12. BUYER’S BREACH AND INSOLVENCY
(a) The Company shall have the right to withhold delivery of the goods or any part thereof at any time when payment by the Buyer is due in accordance with these Terms and Conditions and has not yet been made. This shall be without prejudice to any other rights or remedies of the Company and accordingly shall not prejudice the right of the Company to payment in full for all goods and services the subject of this contract.
(b) If the Buyer shall be in breach of any of the Buyer’s obligations under the contract or if any distress or execution shall be levied upon the Buyer or if the Buyer shall enter into any negotiations for arrangement or composition with the Buyer’s creditors or commit any act of bankruptcy or if any petition in bankruptcy shall be presented against the Buyer, or, if the Buyer is a corporate body, any resolution is proposed or petition presented to wind-up the Buyer or if a receiver administrator or administrative receiver of the Buyer’s assets or undertaking or any part thereof shall be appointed or if the Buyer shall be deemed to be unable to pay its debts within the meaning of S.123 of the Insolvency Act 1986 or any statutory modification thereof, the Company shall be entitled, without prejudice to any other rights or remedies which it may have, to determine forthwith the contract to which these Terms and Conditions apply and in any event the payment of the purchase price of
goods delivered shall become immediately due despite any credit to it allowed by the Company to the Buyer and the Buyer shall cease to have any right to use, resell or otherwise dispose of the goods.
13. INSTRUCTIONS ETC.
The Buyer acknowledges that certain materials and chemicals may be hazardous in certain conditions or if handled without due care.
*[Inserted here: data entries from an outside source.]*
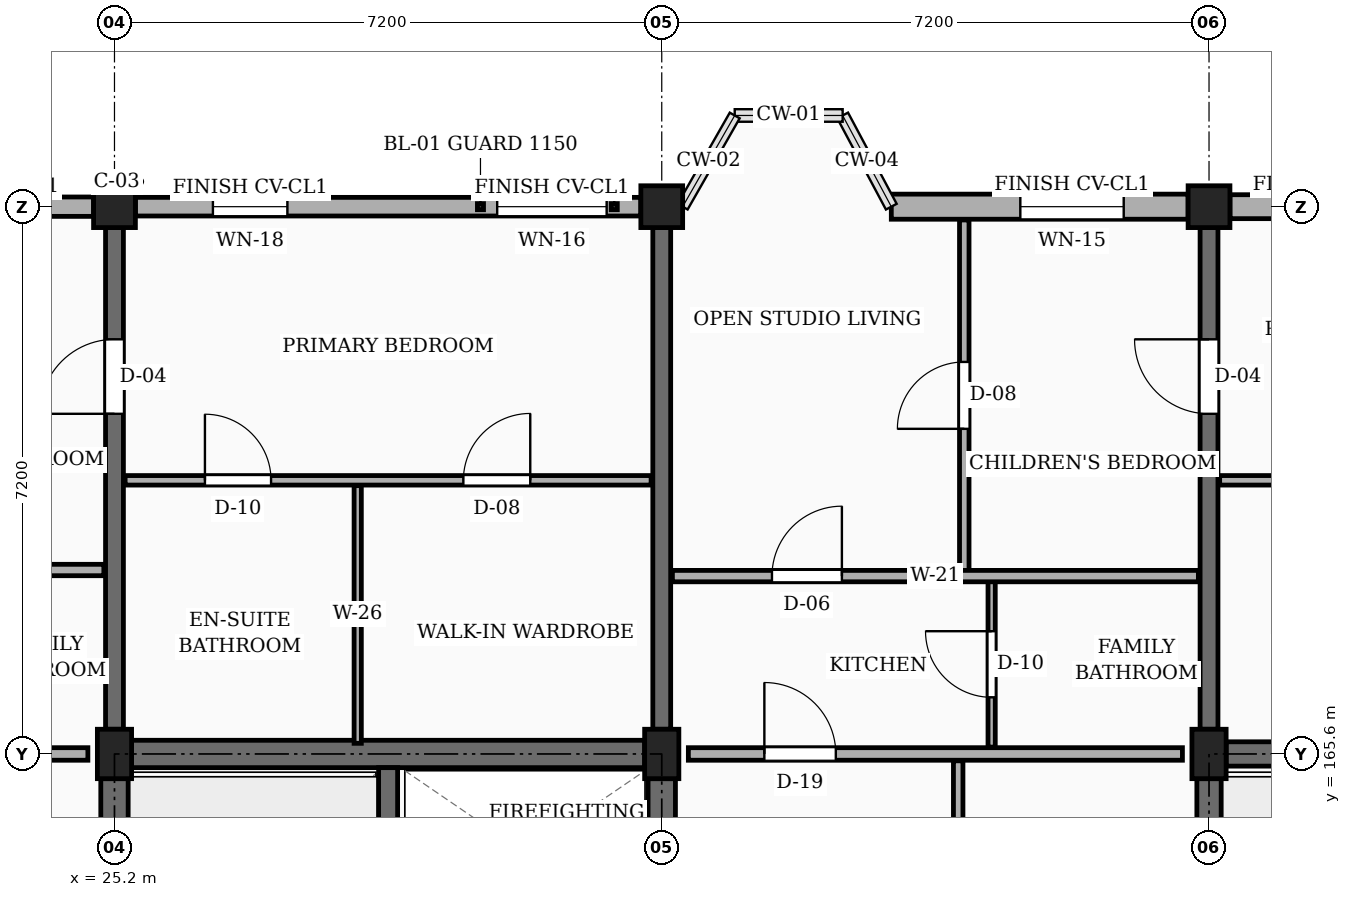
"""IFC4 building model, lengths in metres.
Left out: names, types, materials, properties, quantities, classifications, styles, units other than length and angle.
Written with IfcOpenShell. Run it as: python <this file> out.ifc"""

import sys

from ifc_helpers import new_model, si_unit, direction, frame, frame_2d, origin, origin_2d, place, context, subcontext, project, spatial, rectangle, extrude, element, fill, save


model = new_model("IFC4")
c1 = context("Model", 3, precision=1e-05, world=origin(), true_north=direction((0.0, 1.0)))
c2 = subcontext(c1, "Body", "Model", "MODEL_VIEW")
j1 = project(units=[si_unit("LENGTHUNIT", "METRE"), si_unit("PLANEANGLEUNIT", "RADIAN")], contexts=[c1])
p1 = place(None, origin())
s1 = spatial("IfcSite", under=j1, at=p1, CompositionType="ELEMENT")
p2 = place(p1, origin())
s2 = spatial("IfcBuilding", under=s1, at=p2, CompositionType="ELEMENT")
p3 = place(p2, frame((0.0, 0.0, 13.95)))
s3 = spatial("IfcBuildingStorey", under=s2, at=p3, CompositionType="ELEMENT", Elevation=13.95)
p4 = place(p3, frame((25.2, 165.6, 0.0), z_axis=(0.0, 0.0, 1.0), x_axis=(1.0, 0.0, 0.0)))
e1 = element("IfcColumn", 1, at=p4, inside=s3, PredefinedType="COLUMN", context=c2, shape_type="SweptSolid", body=[
    extrude(rectangle(XDim=0.45, YDim=0.65, at=origin_2d()), origin(), (0.0, 0.0, 1.0), 3.15),
])
p5 = place(p3, frame((25.2, 172.8, 0.0), z_axis=(0.0, 0.0, 1.0), x_axis=(1.0, 0.0, 0.0)))
e2 = element("IfcColumn", 2, at=p5, inside=s3, PredefinedType="COLUMN", context=c2, shape_type="SweptSolid", body=[
    extrude(rectangle(XDim=0.55, YDim=0.55, at=origin_2d()), origin(), (0.0, 0.0, 1.0), 3.15),
])
p6 = place(p3, frame((32.4, 165.6, 0.0), z_axis=(0.0, 0.0, 1.0), x_axis=(1.0, 0.0, 0.0)))
e3 = element("IfcColumn", 3, at=p6, inside=s3, PredefinedType="COLUMN", context=c2, shape_type="SweptSolid", body=[
    extrude(rectangle(XDim=0.45, YDim=0.65, at=origin_2d()), origin(), (0.0, 0.0, 1.0), 3.15),
])
p7 = place(p3, frame((32.4, 172.8, 0.0), z_axis=(0.0, 0.0, 1.0), x_axis=(1.0, 0.0, 0.0)))
e4 = element("IfcColumn", 4, at=p7, inside=s3, PredefinedType="COLUMN", context=c2, shape_type="SweptSolid", body=[
    extrude(rectangle(XDim=0.55, YDim=0.55, at=origin_2d()), origin(), (0.0, 0.0, 1.0), 3.15),
])
p8 = place(p3, frame((39.6, 165.6, 0.0), z_axis=(0.0, 0.0, 1.0), x_axis=(1.0, 0.0, 0.0)))
e5 = element("IfcColumn", 5, at=p8, inside=s3, PredefinedType="COLUMN", context=c2, shape_type="SweptSolid", body=[
    extrude(rectangle(XDim=0.45, YDim=0.65, at=origin_2d()), origin(), (0.0, 0.0, 1.0), 3.15),
])
p9 = place(p3, frame((39.6, 172.8, 0.0), z_axis=(0.0, 0.0, 1.0), x_axis=(1.0, 0.0, 0.0)))
e6 = element("IfcColumn", 6, at=p9, inside=s3, PredefinedType="COLUMN", context=c2, shape_type="SweptSolid", body=[
    extrude(rectangle(XDim=0.55, YDim=0.55, at=origin_2d()), origin(), (0.0, 0.0, 1.0), 3.15),
])
p10 = place(p3, frame((25.2, 165.925, 0.0), z_axis=(0.0, 0.0, 1.0), x_axis=(0.0, 1.0, 0.0)))
e7 = element("IfcWall", 7, at=p10, inside=s3, PredefinedType="SOLIDWALL", context=c2, shape_type="SweptSolid", body=[
    extrude(rectangle(XDim=6.6, YDim=0.235, at=frame_2d((3.3, 0.0))), origin(), (0.0, 0.0, 1.0), 2.185),
])
p11 = place(p10, frame((4.15, 0.0, 0.0)))
e8 = element("IfcOpeningElement", 8, at=p11, cuts=e7, PredefinedType="OPENING", context=c2, shape_type="SweptSolid", body=[
    extrude(rectangle(XDim=0.98, YDim=2.12, at=frame_2d((0.49, 1.06))), frame((0.0, 0.127, 0.0), z_axis=(0.0, -1.0, 0.0), x_axis=(1.0, 0.0, 0.0)), (0.0, 0.0, 1.0), 0.255),
])
p12 = place(p3, frame((32.4, 165.925, 0.0), z_axis=(0.0, 0.0, 1.0), x_axis=(0.0, 1.0, 0.0)))
e9 = element("IfcWall", 9, at=p12, inside=s3, PredefinedType="SOLIDWALL", context=c2, shape_type="SweptSolid", body=[
    extrude(rectangle(XDim=6.6, YDim=0.235, at=frame_2d((3.3, 0.0))), origin(), (0.0, 0.0, 1.0), 2.185),
])
p13 = place(p3, frame((39.6, 165.925, 0.0), z_axis=(0.0, 0.0, 1.0), x_axis=(0.0, 1.0, 0.0)))
e10 = element("IfcWall", 10, at=p13, inside=s3, PredefinedType="SOLIDWALL", context=c2, shape_type="SweptSolid", body=[
    extrude(rectangle(XDim=6.6, YDim=0.235, at=frame_2d((3.3, 0.0))), origin(), (0.0, 0.0, 1.0), 2.185),
])
p14 = place(p13, frame((4.15, 0.0, 0.0)))
e11 = element("IfcOpeningElement", 11, at=p14, cuts=e10, PredefinedType="OPENING", context=c2, shape_type="SweptSolid", body=[
    extrude(rectangle(XDim=0.98, YDim=2.12, at=frame_2d((0.49, 1.06))), frame((0.0, 0.127, 0.0), z_axis=(0.0, -1.0, 0.0), x_axis=(1.0, 0.0, 0.0)), (0.0, 0.0, 1.0), 0.255),
])
p15 = place(p3, frame((46.525, 172.8, 0.0), z_axis=(0.0, 0.0, 1.0), x_axis=(-1.0, 0.0, 0.0)))
e12 = element("IfcWall", 12, at=p15, inside=s3, PredefinedType="SOLIDWALL", context=c2, shape_type="SweptSolid", body=[
    extrude(rectangle(XDim=6.65, YDim=0.315, at=frame_2d((3.325, 0.0))), origin(), (0.0, 0.0, 1.0), 2.455),
])
p16 = place(p15, frame((0.45, 0.0, 0.78)))
e13 = element("IfcOpeningElement", 13, at=p16, cuts=e12, PredefinedType="OPENING", context=c2, shape_type="SweptSolid", body=[
    extrude(rectangle(XDim=1.2, YDim=1.26, at=frame_2d((0.6, 0.63))), frame((0.0, 0.167, 0.0), z_axis=(0.0, -1.0, 0.0), x_axis=(1.0, 0.0, 0.0)), (0.0, 0.0, 1.0), 0.335),
])
p17 = place(p15, frame((4.65, 0.0, 0.78)))
e14 = element("IfcOpeningElement", 14, at=p17, cuts=e12, PredefinedType="OPENING", context=c2, shape_type="SweptSolid", body=[
    extrude(rectangle(XDim=1.36, YDim=1.26, at=frame_2d((0.68, 0.63))), frame((0.0, 0.167, 0.0), z_axis=(0.0, -1.0, 0.0), x_axis=(1.0, 0.0, 0.0)), (0.0, 0.0, 1.0), 0.335),
])
p18 = place(p3, frame((39.325, 172.8, 0.0), z_axis=(0.0, 0.0, 1.0), x_axis=(-1.0, 0.0, 0.0)))
e15 = element("IfcWall", 15, at=p18, inside=s3, PredefinedType="SOLIDWALL", context=c2, shape_type="SweptSolid", body=[
    extrude(rectangle(XDim=3.905, YDim=0.33, at=frame_2d((1.953, 0.0))), origin(), (0.0, 0.0, 1.0), 2.455),
])
p19 = place(p18, frame((0.847, 0.0, 0.78)))
e16 = element("IfcOpeningElement", 16, at=p19, cuts=e15, PredefinedType="OPENING", context=c2, shape_type="SweptSolid", body=[
    extrude(rectangle(XDim=1.36, YDim=1.26, at=frame_2d((0.68, 0.63))), frame((0.0, 0.175, 0.0), z_axis=(0.0, -1.0, 0.0), x_axis=(1.0, 0.0, 0.0)), (0.0, 0.0, 1.0), 0.35),
])
p20 = place(p3, frame((32.125, 172.8, 0.0), z_axis=(0.0, 0.0, 1.0), x_axis=(-1.0, 0.0, 0.0)))
e17 = element("IfcWall", 17, at=p20, inside=s3, PredefinedType="SOLIDWALL", context=c2, shape_type="SweptSolid", body=[
    extrude(rectangle(XDim=6.65, YDim=0.245, at=frame_2d((3.325, 0.0))), origin(), (0.0, 0.0, 1.0), 2.455),
])
p21 = place(p20, frame((0.45, 0.0, 0.78)))
e18 = element("IfcOpeningElement", 18, at=p21, cuts=e17, PredefinedType="OPENING", context=c2, shape_type="SweptSolid", body=[
    extrude(rectangle(XDim=1.44, YDim=1.26, at=frame_2d((0.72, 0.63))), frame((0.0, 0.133, 0.0), z_axis=(0.0, -1.0, 0.0), x_axis=(1.0, 0.0, 0.0)), (0.0, 0.0, 1.0), 0.265),
])
p22 = place(p20, frame((4.65, 0.0, 0.78)))
e19 = element("IfcOpeningElement", 19, at=p22, cuts=e17, PredefinedType="OPENING", context=c2, shape_type="SweptSolid", body=[
    extrude(rectangle(XDim=0.98, YDim=1.36, at=frame_2d((0.49, 0.68))), frame((0.0, 0.133, 0.0), z_axis=(0.0, -1.0, 0.0), x_axis=(1.0, 0.0, 0.0)), (0.0, 0.0, 1.0), 0.265),
])
p23 = place(p3, frame((24.925, 172.8, 0.0), z_axis=(0.0, 0.0, 1.0), x_axis=(-1.0, 0.0, 0.0)))
e20 = element("IfcWall", 20, at=p23, inside=s3, PredefinedType="SOLIDWALL", context=c2, shape_type="SweptSolid", body=[
    extrude(rectangle(XDim=3.905, YDim=0.255, at=frame_2d((1.953, 0.0))), origin(), (0.0, 0.0, 1.0), 2.455),
])
p24 = place(p23, frame((0.988, 0.0, 0.78)))
e21 = element("IfcOpeningElement", 21, at=p24, cuts=e20, PredefinedType="OPENING", context=c2, shape_type="SweptSolid", body=[
    extrude(rectangle(XDim=0.98, YDim=1.36, at=frame_2d((0.49, 0.68))), frame((0.0, 0.137, 0.0), z_axis=(0.0, -1.0, 0.0), x_axis=(1.0, 0.0, 0.0)), (0.0, 0.0, 1.0), 0.275),
])
p25 = place(p3, frame((25.2, 158.725, 0.0), z_axis=(0.0, 0.0, 1.0), x_axis=(0.0, 1.0, 0.0)))
e22 = element("IfcWall", 22, at=p25, inside=s3, PredefinedType="SHEAR", context=c2, shape_type="SweptSolid", body=[
    extrude(rectangle(XDim=6.55, YDim=0.36, at=frame_2d((3.275, 0.0))), origin(), (0.0, 0.0, 1.0), 2.885),
])
p26 = place(p3, frame((25.425, 165.6, 0.0), z_axis=(0.0, 0.0, 1.0), x_axis=(1.0, 0.0, 0.0)))
e23 = element("IfcWall", 23, at=p26, inside=s3, PredefinedType="SHEAR", context=c2, shape_type="SweptSolid", body=[
    extrude(rectangle(XDim=6.75, YDim=0.36, at=frame_2d((3.375, 0.0))), origin(), (0.0, 0.0, 1.0), 2.885),
])
p27 = place(p3, frame((32.4, 158.725, 0.0), z_axis=(0.0, 0.0, 1.0), x_axis=(0.0, 1.0, 0.0)))
e24 = element("IfcWall", 24, at=p27, inside=s3, PredefinedType="SHEAR", context=c2, shape_type="SweptSolid", body=[
    extrude(rectangle(XDim=6.55, YDim=0.36, at=frame_2d((3.275, 0.0))), origin(), (0.0, 0.0, 1.0), 2.885),
])
p28 = place(p3, frame((28.8, 158.58, 0.0), z_axis=(0.0, 0.0, 1.0), x_axis=(0.0, 1.0, 0.0)))
e25 = element("IfcWall", 25, at=p28, inside=s3, PredefinedType="SHEAR", context=c2, shape_type="SweptSolid", body=[
    extrude(rectangle(XDim=6.84, YDim=0.25, at=frame_2d((3.42, 0.0))), origin(), (0.0, 0.0, 1.0), 2.885),
])
p29 = place(p28, frame((0.42, 0.0, 0.0)))
e26 = element("IfcOpeningElement", 26, at=p29, cuts=e25, PredefinedType="OPENING", context=c2, shape_type="SweptSolid", body=[
    extrude(rectangle(XDim=1.05, YDim=2.15, at=frame_2d((0.525, 1.075))), frame((0.0, 0.135, 0.0), z_axis=(0.0, -1.0, 0.0), x_axis=(1.0, 0.0, 0.0)), (0.0, 0.0, 1.0), 0.27),
])
p30 = place(p3, frame((39.6, 158.725, 0.0), z_axis=(0.0, 0.0, 1.0), x_axis=(0.0, 1.0, 0.0)))
e27 = element("IfcWall", 27, at=p30, inside=s3, PredefinedType="SHEAR", context=c2, shape_type="SweptSolid", body=[
    extrude(rectangle(XDim=6.55, YDim=0.32, at=frame_2d((3.275, 0.0))), origin(), (0.0, 0.0, 1.0), 2.885),
])
p31 = place(p3, frame((39.825, 165.6, 0.0), z_axis=(0.0, 0.0, 1.0), x_axis=(1.0, 0.0, 0.0)))
e28 = element("IfcWall", 28, at=p31, inside=s3, PredefinedType="SHEAR", context=c2, shape_type="SweptSolid", body=[
    extrude(rectangle(XDim=6.75, YDim=0.32, at=frame_2d((3.375, 0.0))), origin(), (0.0, 0.0, 1.0), 2.885),
])
p32 = place(p3, frame((18.35, 165.6, 0.0), z_axis=(0.0, 0.0, 1.0), x_axis=(1.0, 0.0, 0.0)))
e29 = element("IfcWall", 29, at=p32, inside=s3, PredefinedType="PARTITIONING", context=c2, shape_type="SweptSolid", body=[
    extrude(rectangle(XDim=6.5, YDim=0.165, at=frame_2d((3.25, 0.0))), origin(), (0.0, 0.0, 1.0), 2.235),
])
p33 = place(p32, frame((1.0, 0.0, 0.0)))
e30 = element("IfcOpeningElement", 30, at=p33, cuts=e29, PredefinedType="OPENING", context=c2, shape_type="SweptSolid", body=[
    extrude(rectangle(XDim=1.0, YDim=2.15, at=frame_2d((0.5, 1.075))), frame((0.0, 0.093, 0.0), z_axis=(0.0, -1.0, 0.0), x_axis=(1.0, 0.0, 0.0)), (0.0, 0.0, 1.0), 0.185),
])
p34 = place(p3, frame((32.75, 165.6, 0.0), z_axis=(0.0, 0.0, 1.0), x_axis=(1.0, 0.0, 0.0)))
e31 = element("IfcWall", 31, at=p34, inside=s3, PredefinedType="PARTITIONING", context=c2, shape_type="SweptSolid", body=[
    extrude(rectangle(XDim=6.5, YDim=0.165, at=frame_2d((3.25, 0.0))), origin(), (0.0, 0.0, 1.0), 2.235),
])
p35 = place(p34, frame((1.0, 0.0, 0.0)))
e32 = element("IfcOpeningElement", 32, at=p35, cuts=e31, PredefinedType="OPENING", context=c2, shape_type="SweptSolid", body=[
    extrude(rectangle(XDim=0.94, YDim=2.12, at=frame_2d((0.47, 1.06))), frame((0.0, 0.093, 0.0), z_axis=(0.0, -1.0, 0.0), x_axis=(1.0, 0.0, 0.0)), (0.0, 0.0, 1.0), 0.185),
])
p36 = place(p3, frame((18.14, 168.02, 0.0), z_axis=(0.0, 0.0, 1.0), x_axis=(1.0, 0.0, 0.0)))
e33 = element("IfcWall", 33, at=p36, inside=s3, PredefinedType="PARTITIONING", context=c2, shape_type="SweptSolid", body=[
    extrude(rectangle(XDim=6.92, YDim=0.15, at=frame_2d((3.46, 0.0))), origin(), (0.0, 0.0, 1.0), 2.32),
])
p37 = place(p36, frame((1.31, 0.0, 0.0)))
e34 = element("IfcOpeningElement", 34, at=p37, cuts=e33, PredefinedType="OPENING", context=c2, shape_type="SweptSolid", body=[
    extrude(rectangle(XDim=0.92, YDim=2.1, at=frame_2d((0.46, 1.05))), frame((0.0, 0.085, 0.0), z_axis=(0.0, -1.0, 0.0), x_axis=(1.0, 0.0, 0.0)), (0.0, 0.0, 1.0), 0.17),
])
p38 = place(p3, frame((25.34, 169.2, 0.0), z_axis=(0.0, 0.0, 1.0), x_axis=(1.0, 0.0, 0.0)))
e35 = element("IfcWall", 35, at=p38, inside=s3, PredefinedType="PARTITIONING", context=c2, shape_type="SweptSolid", body=[
    extrude(rectangle(XDim=6.92, YDim=0.125, at=frame_2d((3.46, 0.0))), origin(), (0.0, 0.0, 1.0), 2.32),
])
p39 = place(p38, frame((1.05, 0.0, 0.0)))
e36 = element("IfcOpeningElement", 36, at=p39, cuts=e35, PredefinedType="OPENING", context=c2, shape_type="SweptSolid", body=[
    extrude(rectangle(XDim=0.87, YDim=2.05, at=frame_2d((0.435, 1.025))), frame((0.0, 0.073, 0.0), z_axis=(0.0, -1.0, 0.0), x_axis=(1.0, 0.0, 0.0)), (0.0, 0.0, 1.0), 0.145),
])
p40 = place(p38, frame((4.45, 0.0, 0.0)))
e37 = element("IfcOpeningElement", 37, at=p40, cuts=e35, PredefinedType="OPENING", context=c2, shape_type="SweptSolid", body=[
    extrude(rectangle(XDim=0.88, YDim=2.08, at=frame_2d((0.44, 1.04))), frame((0.0, 0.073, 0.0), z_axis=(0.0, -1.0, 0.0), x_axis=(1.0, 0.0, 0.0)), (0.0, 0.0, 1.0), 0.145),
])
p41 = place(p3, frame((28.4, 165.74, 0.0), z_axis=(0.0, 0.0, 1.0), x_axis=(0.0, 1.0, 0.0)))
e38 = element("IfcWall", 38, at=p41, inside=s3, PredefinedType="PARTITIONING", context=c2, shape_type="SweptSolid", body=[
    extrude(rectangle(XDim=3.39, YDim=0.095, at=frame_2d((1.695, 0.0))), origin(), (0.0, 0.0, 1.0), 2.32),
])
p42 = place(p3, frame((36.3, 158.49, 0.0), z_axis=(0.0, 0.0, 1.0), x_axis=(0.0, 1.0, 0.0)))
e39 = element("IfcWall", 39, at=p42, inside=s3, PredefinedType="PARTITIONING", context=c2, shape_type="SweptSolid", body=[
    extrude(rectangle(XDim=7.02, YDim=0.125, at=frame_2d((3.51, 0.0))), origin(), (0.0, 0.0, 1.0), 2.32),
])
p43 = place(p42, frame((2.85, 0.0, 0.0)))
e40 = element("IfcOpeningElement", 40, at=p43, cuts=e39, PredefinedType="OPENING", context=c2, shape_type="SweptSolid", body=[
    extrude(rectangle(XDim=1.02, YDim=2.15, at=frame_2d((0.51, 1.075))), frame((0.0, 0.073, 0.0), z_axis=(0.0, -1.0, 0.0), x_axis=(1.0, 0.0, 0.0)), (0.0, 0.0, 1.0), 0.145),
])
p44 = place(p3, frame((36.38, 168.01, 0.0), z_axis=(0.0, 0.0, 1.0), x_axis=(0.0, 1.0, 0.0)))
e41 = element("IfcWall", 41, at=p44, inside=s3, PredefinedType="PARTITIONING", context=c2, shape_type="SweptSolid", body=[
    extrude(rectangle(XDim=4.615, YDim=0.125, at=frame_2d((2.308, 0.0))), origin(), (0.0, 0.0, 1.0), 2.32),
])
p45 = place(p44, frame((1.867, 0.0, 0.0)))
e42 = element("IfcOpeningElement", 42, at=p45, cuts=e41, PredefinedType="OPENING", context=c2, shape_type="SweptSolid", body=[
    extrude(rectangle(XDim=0.88, YDim=2.08, at=frame_2d((0.44, 1.04))), frame((0.0, 0.073, 0.0), z_axis=(0.0, -1.0, 0.0), x_axis=(1.0, 0.0, 0.0)), (0.0, 0.0, 1.0), 0.145),
])
p46 = place(p3, frame((36.74, 165.69, 0.0), z_axis=(0.0, 0.0, 1.0), x_axis=(0.0, 1.0, 0.0)))
e43 = element("IfcWall", 43, at=p46, inside=s3, PredefinedType="PARTITIONING", context=c2, shape_type="SweptSolid", body=[
    extrude(rectangle(XDim=2.18, YDim=0.095, at=frame_2d((1.09, 0.0))), origin(), (0.0, 0.0, 1.0), 2.32),
])
p47 = place(p46, frame((0.655, 0.0, 0.0)))
e44 = element("IfcOpeningElement", 44, at=p47, cuts=e43, PredefinedType="OPENING", context=c2, shape_type="SweptSolid", body=[
    extrude(rectangle(XDim=0.87, YDim=2.05, at=frame_2d((0.435, 1.025))), frame((0.0, 0.058, 0.0), z_axis=(0.0, -1.0, 0.0), x_axis=(1.0, 0.0, 0.0)), (0.0, 0.0, 1.0), 0.115),
])
p48 = place(p3, frame((32.54, 167.94, 0.0), z_axis=(0.0, 0.0, 1.0), x_axis=(1.0, 0.0, 0.0)))
e45 = element("IfcWall", 45, at=p48, inside=s3, PredefinedType="PARTITIONING", context=c2, shape_type="SweptSolid", body=[
    extrude(rectangle(XDim=6.92, YDim=0.15, at=frame_2d((3.46, 0.0))), origin(), (0.0, 0.0, 1.0), 2.32),
])
p49 = place(p48, frame((1.31, 0.0, 0.0)))
e46 = element("IfcOpeningElement", 46, at=p49, cuts=e45, PredefinedType="OPENING", context=c2, shape_type="SweptSolid", body=[
    extrude(rectangle(XDim=0.92, YDim=2.1, at=frame_2d((0.46, 1.05))), frame((0.0, 0.085, 0.0), z_axis=(0.0, -1.0, 0.0), x_axis=(1.0, 0.0, 0.0)), (0.0, 0.0, 1.0), 0.17),
])
p50 = place(p3, frame((39.74, 169.2, 0.0), z_axis=(0.0, 0.0, 1.0), x_axis=(1.0, 0.0, 0.0)))
e47 = element("IfcWall", 47, at=p50, inside=s3, PredefinedType="PARTITIONING", context=c2, shape_type="SweptSolid", body=[
    extrude(rectangle(XDim=6.92, YDim=0.125, at=frame_2d((3.46, 0.0))), origin(), (0.0, 0.0, 1.0), 2.32),
])
p51 = place(p50, frame((1.05, 0.0, 0.0)))
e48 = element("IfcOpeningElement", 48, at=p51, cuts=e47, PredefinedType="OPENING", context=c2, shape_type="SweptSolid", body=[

The Buyer undertakes that only qualified and trained persons will handle any of the goods. The Buyer undertakes that the Buyer and the Buyer’s employees or agents will comply with all such warnings and instructions as may be issued by the Company in relation to the goods.
14. All contracts to which these Terms and Conditions apply shall be governed by and construed in accordance with English Law.
15. Only the parties to a contract to which these Terms and Conditions apply may seek to enforce its terms under the Contracts (Rights of Third Parties) Act 1999.